The way printers are handled seems to have changed rather a lot in Leopard - the old printer setup utility has vanished!

Anyone else with the same problem - and a fix!?!?


----------



## dmetzcher (Oct 28, 2007)

I am having a similar problem with my Lexmark X5470 printer.
Printer Setup Utility is gone, and this is causing all applications that attempt to print using this printer to immediately crash.
I installed the latest driver, from 9/27/07, but it appears that it hasn't been updated for Leopard, because it still tells me to add the printer to Printer Setup Utility's list, which I assume it is trying to do on it's own as it installs the printer software. I had to select the driver manually for the printer, but it still doesn't work.

The same is true for FlashPaper, though I am not planning on upgrading this, so I can live with it, as I have never used it before.
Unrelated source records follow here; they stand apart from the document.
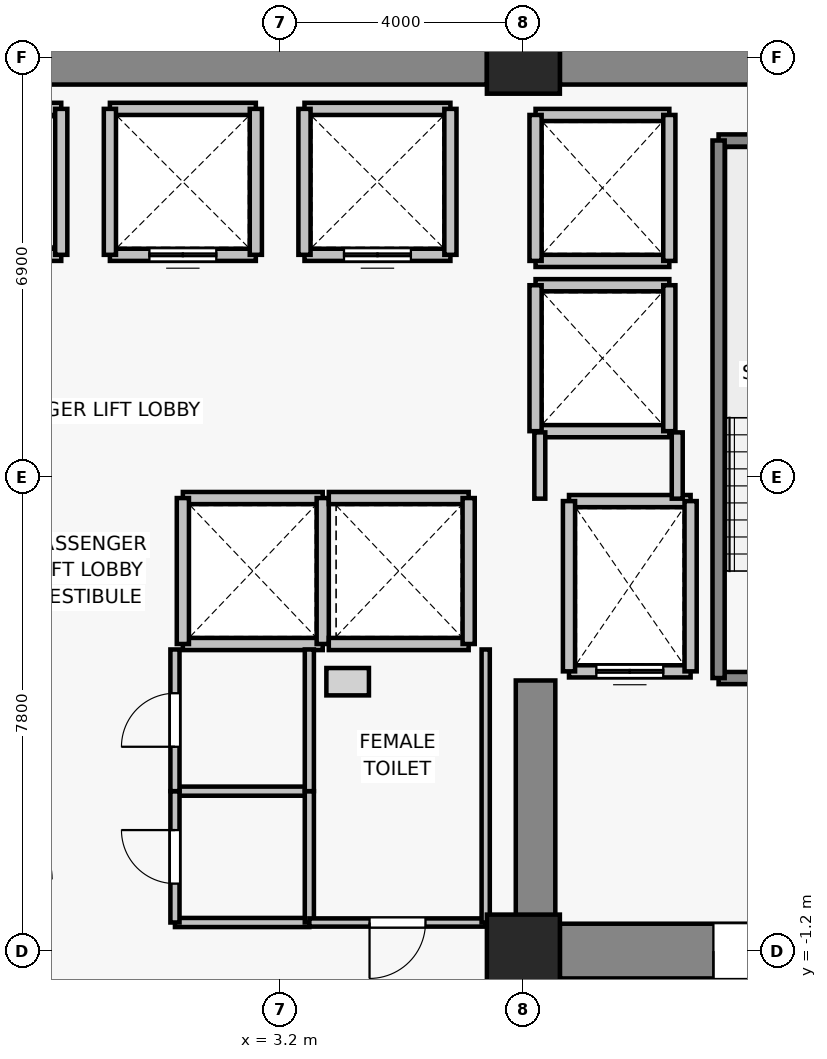
"""IFC4 building model, lengths in metres.
Left out: names, types, materials, properties, quantities, classifications, styles, units other than length and angle.
Written with IfcOpenShell. Run it as: python <this file> out.ifc"""

import sys

from ifc_helpers import new_model, si_unit, direction, frame, frame_2d, origin, origin_2d, place, context, subcontext, project, spatial, rectangle, extrude, source, transform, mapped, element, fill, save


model = new_model("IFC4")
c1 = context("Model", 3, precision=1e-05, world=origin(), true_north=direction((0.0, 1.0)))
c2 = subcontext(c1, "Body", "Model", "MODEL_VIEW")
j1 = project(units=[si_unit("LENGTHUNIT", "METRE"), si_unit("PLANEANGLEUNIT", "RADIAN")], contexts=[c1])
p1 = place(None, origin())
s1 = spatial("IfcSite", under=j1, at=p1, CompositionType="ELEMENT")
p2 = place(p1, origin())
s2 = spatial("IfcBuilding", under=s1, at=p2, CompositionType="ELEMENT")
p3 = place(p2, frame((0.0, 0.0, 47.2)))
s3 = spatial("IfcBuildingStorey", under=s2, at=p3, CompositionType="ELEMENT", Elevation=47.2)
for number, where, z_axis, x_axis in (
    (1, (7.2, -1.2, 0.0), (0.0, 0.0, 1.0), (1.0, 0.0, 0.0)),
    (2, (7.2, 13.5, 0.0), (0.0, 0.0, 1.0), (1.0, 0.0, 0.0)),
):
    element("IfcColumn", number, at=place(p3, frame(where, z_axis=z_axis, x_axis=x_axis)), inside=s3, PredefinedType="COLUMN", context=c2, shape_type="SweptSolid", body=[
        extrude(rectangle(XDim=1.2, YDim=1.2, at=origin_2d()), origin(), (0.0, 0.0, 1.0), 3.3),
    ])
p4 = place(p3, frame((-6.6, 13.5, 0.0), z_axis=(0.0, 0.0, 1.0), x_axis=(1.0, 0.0, 0.0)))
e3 = element("IfcWall", 3, at=p4, inside=s3, PredefinedType="SHEAR", context=c2, shape_type="SweptSolid", body=[
    extrude(rectangle(XDim=13.2, YDim=0.9, at=frame_2d((6.6, 0.0))), origin(), (0.0, 0.0, 1.0), 3.075),
])
p5 = place(p3, frame((7.8, 13.5, 0.0), z_axis=(0.0, 0.0, 1.0), x_axis=(1.0, 0.0, 0.0)))
e4 = element("IfcWall", 4, at=p5, inside=s3, PredefinedType="SHEAR", context=c2, shape_type="SweptSolid", body=[
    extrude(rectangle(XDim=6.0, YDim=0.9, at=frame_2d((3.0, 0.0))), origin(), (0.0, 0.0, 1.0), 3.075),
])
p6 = place(p3, frame((13.8, -1.2, 0.0), z_axis=(0.0, 0.0, 1.0), x_axis=(-1.0, 0.0, 0.0)))
e5 = element("IfcWall", 5, at=p6, inside=s3, PredefinedType="SHEAR", context=c2, shape_type="SweptSolid", body=[
    extrude(rectangle(XDim=6.0, YDim=0.9, at=frame_2d((3.0, 0.0))), origin(), (0.0, 0.0, 1.0), 3.075),
])
p7 = place(p6, frame((2.325, 0.0, 0.0)))
e6 = element("IfcOpeningElement", 6, at=p7, cuts=e5, PredefinedType="OPENING", context=c2, shape_type="SweptSolid", body=[
    extrude(rectangle(XDim=1.15, YDim=2.15, at=frame_2d((0.575, 1.075))), frame((0.0, 0.46, 0.0), z_axis=(0.0, -1.0, 0.0), x_axis=(1.0, 0.0, 0.0)), (0.0, 0.0, 1.0), 0.92),
])
p8 = place(p3, frame((7.4, -0.75, 0.0), z_axis=(0.0, 0.0, 1.0), x_axis=(0.0, 1.0, 0.0)))
e7 = element("IfcWall", 7, at=p8, inside=s3, PredefinedType="SHEAR", context=c2, shape_type="SweptSolid", body=[
    extrude(rectangle(XDim=4.0, YDim=0.65, at=frame_2d((2.0, 0.0))), origin(), (0.0, 0.0, 1.0), 3.075),
])
p9 = place(p3, frame((9.95, 3.4, 0.0), z_axis=(0.0, 0.0, 1.0), x_axis=(-1.0, 0.0, 0.0)))
e8 = element("IfcWall", 8, at=p9, inside=s3, PredefinedType="SOLIDWALL", context=c2, shape_type="SweptSolid", body=[
    extrude(rectangle(XDim=2.0, YDim=0.2, at=frame_2d((1.0, 0.0))), origin(), (0.0, 0.0, 1.0), 3.075),
])
p10 = place(p9, frame((0.45, 0.0, 0.0)))
e9 = element("IfcOpeningElement", 9, at=p10, cuts=e8, PredefinedType="OPENING", context=c2, shape_type="SweptSolid", body=[
    extrude(rectangle(XDim=1.1, YDim=2.2, at=frame_2d((0.55, 1.1))), frame((0.0, 0.11, 0.0), z_axis=(0.0, -1.0, 0.0), x_axis=(1.0, 0.0, 0.0)), (0.0, 0.0, 1.0), 0.22),
])
p11 = place(p3, frame((7.95, 6.2, 0.0), z_axis=(0.0, 0.0, 1.0), x_axis=(1.0, 0.0, 0.0)))
e10 = element("IfcWall", 10, at=p11, inside=s3, PredefinedType="SOLIDWALL", context=c2, shape_type="SweptSolid", body=[
    extrude(rectangle(XDim=2.0, YDim=0.2, at=frame_2d((1.0, 0.0))), origin(), (0.0, 0.0, 1.0), 3.075),
])
for number, where, z_axis, x_axis in (
    (11, (7.95, 3.4, 0.0), (0.0, 0.0, 1.0), (0.0, 1.0, 0.0)),
    (12, (9.95, 6.2, 0.0), (0.0, 0.0, 1.0), (0.0, -1.0, 0.0)),
):
    element("IfcWall", number, at=place(p3, frame(where, z_axis=z_axis, x_axis=x_axis)), inside=s3, PredefinedType="SOLIDWALL", context=c2, shape_type="SweptSolid", body=[
        extrude(rectangle(XDim=2.8, YDim=0.2, at=frame_2d((1.4, 0.0))), origin(), (0.0, 0.0, 1.0), 3.075),
    ])
p12 = place(p3, frame((-0.4, 10.25, 0.0), z_axis=(0.0, 0.0, 1.0), x_axis=(-1.0, 0.0, 0.0)))
e13 = element("IfcWall", 13, at=p12, inside=s3, PredefinedType="SOLIDWALL", context=c2, shape_type="SweptSolid", body=[
    extrude(rectangle(XDim=2.4, YDim=0.2, at=frame_2d((1.2, 0.0))), origin(), (0.0, 0.0, 1.0), 3.075),
])
p13 = place(p12, frame((0.65, 0.0, 0.0)))
e14 = element("IfcOpeningElement", 14, at=p13, cuts=e13, PredefinedType="OPENING", context=c2, shape_type="SweptSolid", body=[
    extrude(rectangle(XDim=1.1, YDim=2.2, at=frame_2d((0.55, 1.1))), frame((0.0, 0.11, 0.0), z_axis=(0.0, -1.0, 0.0), x_axis=(1.0, 0.0, 0.0)), (0.0, 0.0, 1.0), 0.22),
])
p14 = place(p3, frame((-2.8, 12.65, 0.0), z_axis=(0.0, 0.0, 1.0), x_axis=(1.0, 0.0, 0.0)))
e15 = element("IfcWall", 15, at=p14, inside=s3, PredefinedType="SOLIDWALL", context=c2, shape_type="SweptSolid", body=[
    extrude(rectangle(XDim=2.4, YDim=0.2, at=frame_2d((1.2, 0.0))), origin(), (0.0, 0.0, 1.0), 3.075),
])
p15 = place(p3, frame((-0.4, 12.65, 0.0), z_axis=(0.0, 0.0, 1.0), x_axis=(0.0, -1.0, 0.0)))
e16 = element("IfcWall", 16, at=p15, inside=s3, PredefinedType="SOLIDWALL", context=c2, shape_type="SweptSolid", body=[
    extrude(rectangle(XDim=2.4, YDim=0.2, at=frame_2d((1.2, 0.0))), origin(), (0.0, 0.0, 1.0), 3.075),
])
p16 = place(p3, frame((2.8, 10.25, 0.0), z_axis=(0.0, 0.0, 1.0), x_axis=(-1.0, 0.0, 0.0)))
e17 = element("IfcWall", 17, at=p16, inside=s3, PredefinedType="SOLIDWALL", context=c2, shape_type="SweptSolid", body=[
    extrude(rectangle(XDim=2.4, YDim=0.2, at=frame_2d((1.2, 0.0))), origin(), (0.0, 0.0, 1.0), 3.075),
])
p17 = place(p16, frame((0.65, 0.0, 0.0)))
e18 = element("IfcOpeningElement", 18, at=p17, cuts=e17, PredefinedType="OPENING", context=c2, shape_type="SweptSolid", body=[
    extrude(rectangle(XDim=1.1, YDim=2.2, at=frame_2d((0.55, 1.1))), frame((0.0, 0.11, 0.0), z_axis=(0.0, -1.0, 0.0), x_axis=(1.0, 0.0, 0.0)), (0.0, 0.0, 1.0), 0.22),
])
p18 = place(p3, frame((0.4, 12.65, 0.0), z_axis=(0.0, 0.0, 1.0), x_axis=(1.0, 0.0, 0.0)))
e19 = element("IfcWall", 19, at=p18, inside=s3, PredefinedType="SOLIDWALL", context=c2, shape_type="SweptSolid", body=[
    extrude(rectangle(XDim=2.4, YDim=0.2, at=frame_2d((1.2, 0.0))), origin(), (0.0, 0.0, 1.0), 3.075),
])
for number, where, z_axis, x_axis in (
    (20, (0.4, 10.25, 0.0), (0.0, 0.0, 1.0), (0.0, 1.0, 0.0)),
    (21, (2.8, 12.65, 0.0), (0.0, 0.0, 1.0), (0.0, -1.0, 0.0)),
):
    element("IfcWall", number, at=place(p3, frame(where, z_axis=z_axis, x_axis=x_axis)), inside=s3, PredefinedType="SOLIDWALL", context=c2, shape_type="SweptSolid", body=[
        extrude(rectangle(XDim=2.4, YDim=0.2, at=frame_2d((1.2, 0.0))), origin(), (0.0, 0.0, 1.0), 3.075),
    ])
p19 = place(p3, frame((6.0, 10.25, 0.0), z_axis=(0.0, 0.0, 1.0), x_axis=(-1.0, 0.0, 0.0)))
e22 = element("IfcWall", 22, at=p19, inside=s3, PredefinedType="SOLIDWALL", context=c2, shape_type="SweptSolid", body=[
    extrude(rectangle(XDim=2.4, YDim=0.2, at=frame_2d((1.2, 0.0))), origin(), (0.0, 0.0, 1.0), 3.075),
])
p20 = place(p19, frame((0.65, 0.0, 0.0)))
e23 = element("IfcOpeningElement", 23, at=p20, cuts=e22, PredefinedType="OPENING", context=c2, shape_type="SweptSolid", body=[
    extrude(rectangle(XDim=1.1, YDim=2.2, at=frame_2d((0.55, 1.1))), frame((0.0, 0.11, 0.0), z_axis=(0.0, -1.0, 0.0), x_axis=(1.0, 0.0, 0.0)), (0.0, 0.0, 1.0), 0.22),
])
for number, where, z_axis, x_axis in (
    (24, (3.6, 12.65, 0.0), (0.0, 0.0, 1.0), (1.0, 0.0, 0.0)),
    (25, (3.6, 10.25, 0.0), (0.0, 0.0, 1.0), (0.0, 1.0, 0.0)),
    (26, (6.0, 12.65, 0.0), (0.0, 0.0, 1.0), (0.0, -1.0, 0.0)),
):
    element("IfcWall", number, at=place(p3, frame(where, z_axis=z_axis, x_axis=x_axis)), inside=s3, PredefinedType="SOLIDWALL", context=c2, shape_type="SweptSolid", body=[
        extrude(rectangle(XDim=2.4, YDim=0.2, at=frame_2d((1.2, 0.0))), origin(), (0.0, 0.0, 1.0), 3.075),
    ])
for number, where, z_axis, x_axis in (
    (27, (3.9, 3.85, 0.0), (0.0, 0.0, 1.0), (-1.0, 0.0, 0.0)),
    (28, (1.6, 6.25, 0.0), (0.0, 0.0, 1.0), (1.0, 0.0, 0.0)),
):
    element("IfcWall", number, at=place(p3, frame(where, z_axis=z_axis, x_axis=x_axis)), inside=s3, PredefinedType="SOLIDWALL", context=c2, shape_type="SweptSolid", body=[
        extrude(rectangle(XDim=2.3, YDim=0.2, at=frame_2d((1.15, 0.0))), origin(), (0.0, 0.0, 1.0), 3.075),
    ])
for number, where, z_axis, x_axis in (
    (29, (1.6, 3.85, 0.0), (0.0, 0.0, 1.0), (0.0, 1.0, 0.0)),
    (30, (3.9, 6.25, 0.0), (0.0, 0.0, 1.0), (0.0, -1.0, 0.0)),
):
    element("IfcWall", number, at=place(p3, frame(where, z_axis=z_axis, x_axis=x_axis)), inside=s3, PredefinedType="SOLIDWALL", context=c2, shape_type="SweptSolid", body=[
        extrude(rectangle(XDim=2.4, YDim=0.2, at=frame_2d((1.2, 0.0))), origin(), (0.0, 0.0, 1.0), 3.075),
    ])
for number, where, z_axis, x_axis in (
    (31, (6.3, 3.85, 0.0), (0.0, 0.0, 1.0), (-1.0, 0.0, 0.0)),
    (32, (4.0, 6.25, 0.0), (0.0, 0.0, 1.0), (1.0, 0.0, 0.0)),
):
    element("IfcWall", number, at=place(p3, frame(where, z_axis=z_axis, x_axis=x_axis)), inside=s3, PredefinedType="SOLIDWALL", context=c2, shape_type="SweptSolid", body=[
        extrude(rectangle(XDim=2.3, YDim=0.2, at=frame_2d((1.15, 0.0))), origin(), (0.0, 0.0, 1.0), 3.075),
    ])
p21 = place(p3, frame((6.3, 6.25, 0.0), z_axis=(0.0, 0.0, 1.0), x_axis=(0.0, -1.0, 0.0)))
e33 = element("IfcWall", 33, at=p21, inside=s3, PredefinedType="SOLIDWALL", context=c2, shape_type="SweptSolid", body=[
    extrude(rectangle(XDim=2.4, YDim=0.2, at=frame_2d((1.2, 0.0))), origin(), (0.0, 0.0, 1.0), 3.075),
])
for number, where, z_axis, x_axis in (
    (34, (9.6, 7.35, 0.0), (0.0, 0.0, 1.0), (-1.0, 0.0, 0.0)),
    (35, (7.4, 9.75, 0.0), (0.0, 0.0, 1.0), (1.0, 0.0, 0.0)),
):
    element("IfcWall", number, at=place(p3, frame(where, z_axis=z_axis, x_axis=x_axis)), inside=s3, PredefinedType="SOLIDWALL", context=c2, shape_type="SweptSolid", body=[
        extrude(rectangle(XDim=2.2, YDim=0.2, at=frame_2d((1.1, 0.0))), origin(), (0.0, 0.0, 1.0), 2.465),
    ])
p22 = place(p3, frame((7.4, 7.35, 0.0), z_axis=(0.0, 0.0, 1.0), x_axis=(0.0, 1.0, 0.0)))
e36 = element("IfcWall", 36, at=p22, inside=s3, PredefinedType="SOLIDWALL", context=c2, shape_type="SweptSolid", body=[
    extrude(rectangle(XDim=2.4, YDim=0.2, at=frame_2d((1.2, 0.0))), origin(), (0.0, 0.0, 1.0), 2.465),
])
p23 = place(p3, frame((9.6, 9.75, 0.0), z_axis=(0.0, 0.0, 1.0), x_axis=(0.0, -1.0, 0.0)))
e37 = element("IfcWall", 37, at=p23, inside=s3, PredefinedType="SOLIDWALL", context=c2, shape_type="SweptSolid", body=[
    extrude(rectangle(XDim=2.4, YDim=0.2, at=frame_2d((1.2, 0.0))), origin(), (0.0, 0.0, 1.0), 3.075),
])
for number, where, z_axis, x_axis in (
    (38, (9.6, 10.15, 0.0), (0.0, 0.0, 1.0), (-1.0, 0.0, 0.0)),
    (39, (7.4, 12.55, 0.0), (0.0, 0.0, 1.0), (1.0, 0.0, 0.0)),
):
    element("IfcWall", number, at=place(p3, frame(where, z_axis=z_axis, x_axis=x_axis)), inside=s3, PredefinedType="SOLIDWALL", context=c2, shape_type="SweptSolid", body=[
        extrude(rectangle(XDim=2.2, YDim=0.2, at=frame_2d((1.1, 0.0))), origin(), (0.0, 0.0, 1.0), 2.465),
    ])
p24 = place(p3, frame((7.4, 10.15, 0.0), z_axis=(0.0, 0.0, 1.0), x_axis=(0.0, 1.0, 0.0)))
e40 = element("IfcWall", 40, at=p24, inside=s3, PredefinedType="SOLIDWALL", context=c2, shape_type="SweptSolid", body=[
    extrude(rectangle(XDim=2.4, YDim=0.2, at=frame_2d((1.2, 0.0))), origin(), (0.0, 0.0, 1.0), 2.465),
])
p25 = place(p3, frame((9.6, 12.55, 0.0), z_axis=(0.0, 0.0, 1.0), x_axis=(0.0, -1.0, 0.0)))
e41 = element("IfcWall", 41, at=p25, inside=s3, PredefinedType="SOLIDWALL", context=c2, shape_type="SweptSolid", body=[
    extrude(rectangle(XDim=2.4, YDim=0.2, at=frame_2d((1.2, 0.0))), origin(), (0.0, 0.0, 1.0), 3.075),
])
p26 = place(p3, frame((13.93, 3.29, 0.0), z_axis=(0.0, 0.0, 1.0), x_axis=(-1.0, 0.0, 0.0)))
e42 = element("IfcWall", 42, at=p26, inside=s3, PredefinedType="SOLIDWALL", context=c2, shape_type="SweptSolid", body=[
    extrude(rectangle(XDim=3.52, YDim=0.2, at=frame_2d((1.76, 0.0))), origin(), (0.0, 0.0, 1.0), 3.075),
])
p27 = place(p26, frame((1.205, 0.0, 0.0)))
e43 = element("IfcOpeningElement", 43, at=p27, cuts=e42, PredefinedType="OPENING", context=c2, shape_type="SweptSolid", body=[
    extrude(rectangle(XDim=1.15, YDim=2.15, at=frame_2d((0.575, 1.075))), frame((0.0, 0.11, 0.0), z_axis=(0.0, -1.0, 0.0), x_axis=(1.0, 0.0, 0.0)), (0.0, 0.0, 1.0), 0.22),
])
p28 = place(p3, frame((10.41, 12.13, 0.0), z_axis=(0.0, 0.0, 1.0), x_axis=(1.0, 0.0, 0.0)))
e44 = element("IfcWall", 44, at=p28, inside=s3, PredefinedType="SOLIDWALL", context=c2, shape_type="SweptSolid", body=[
    extrude(rectangle(XDim=3.52, YDim=0.2, at=frame_2d((1.76, 0.0))), origin(), (0.0, 0.0, 1.0), 3.075),
])
p29 = place(p3, frame((10.41, 3.29, 0.0), z_axis=(0.0, 0.0, 1.0), x_axis=(0.0, 1.0, 0.0)))
e45 = element("IfcWall", 45, at=p29, inside=s3, PredefinedType="SOLIDWALL", context=c2, shape_type="SweptSolid", body=[
    extrude(rectangle(XDim=8.84, YDim=0.2, at=frame_2d((4.42, 0.0))), origin(), (0.0, 0.0, 1.0), 3.075),
])
p30 = place(p3, frame((7.47, 6.24, 0.0), z_axis=(0.0, 0.0, 1.0), x_axis=(0.0, 1.0, 0.0)))
e46 = element("IfcWall", 46, at=p30, inside=s3, PredefinedType="PARTITIONING", context=c2, shape_type="SweptSolid", body=[
    extrude(rectangle(XDim=1.09, YDim=0.18, at=frame_2d((0.545, 0.0))), origin(), (0.0, 0.0, 1.0), 2.465),
])
p31 = place(p3, frame((9.73, 7.33, 0.0), z_axis=(0.0, 0.0, 1.0), x_axis=(0.0, -1.0, 0.0)))
e47 = element("IfcWall", 47, at=p31, inside=s3, PredefinedType="PARTITIONING", context=c2, shape_type="SweptSolid", body=[
    extrude(rectangle(XDim=1.09, YDim=0.18, at=frame_2d((0.545, 0.0))), origin(), (0.0, 0.0, 1.0), 3.075),
])
for number, where, z_axis, x_axis in (
    (48, (3.68, -0.73, 0.0), (0.0, 0.0, 1.0), (-1.0, 0.0, 0.0)),
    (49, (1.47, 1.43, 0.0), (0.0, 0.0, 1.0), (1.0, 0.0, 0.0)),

My assumption is that I have to wait for Lexmark to realize that Apple released a new version of the Mac OS and, in turn, release a new version of their printer installer. Is this correct? Does anyone know how good they are about doing this? Not being able to print is a real hassle.


----------



## DeltaMac (Oct 28, 2007)

Lexmark has included newer drivers standard in Leopard.
Here's a relevant list, which includes the X5400 series. It shows vers 1.5
http://docs.info.apple.com/article.html?artnum=306684

Also, the Lexmark site has a download for that printer, vers 1.0.3 (from 27-Sep-06, not 07 - so way too old.)

For the Epson R220, same result, newer drivers are included with Leopard.
Related software, such as the epson label printer software probably still needs to be updated for Leopard.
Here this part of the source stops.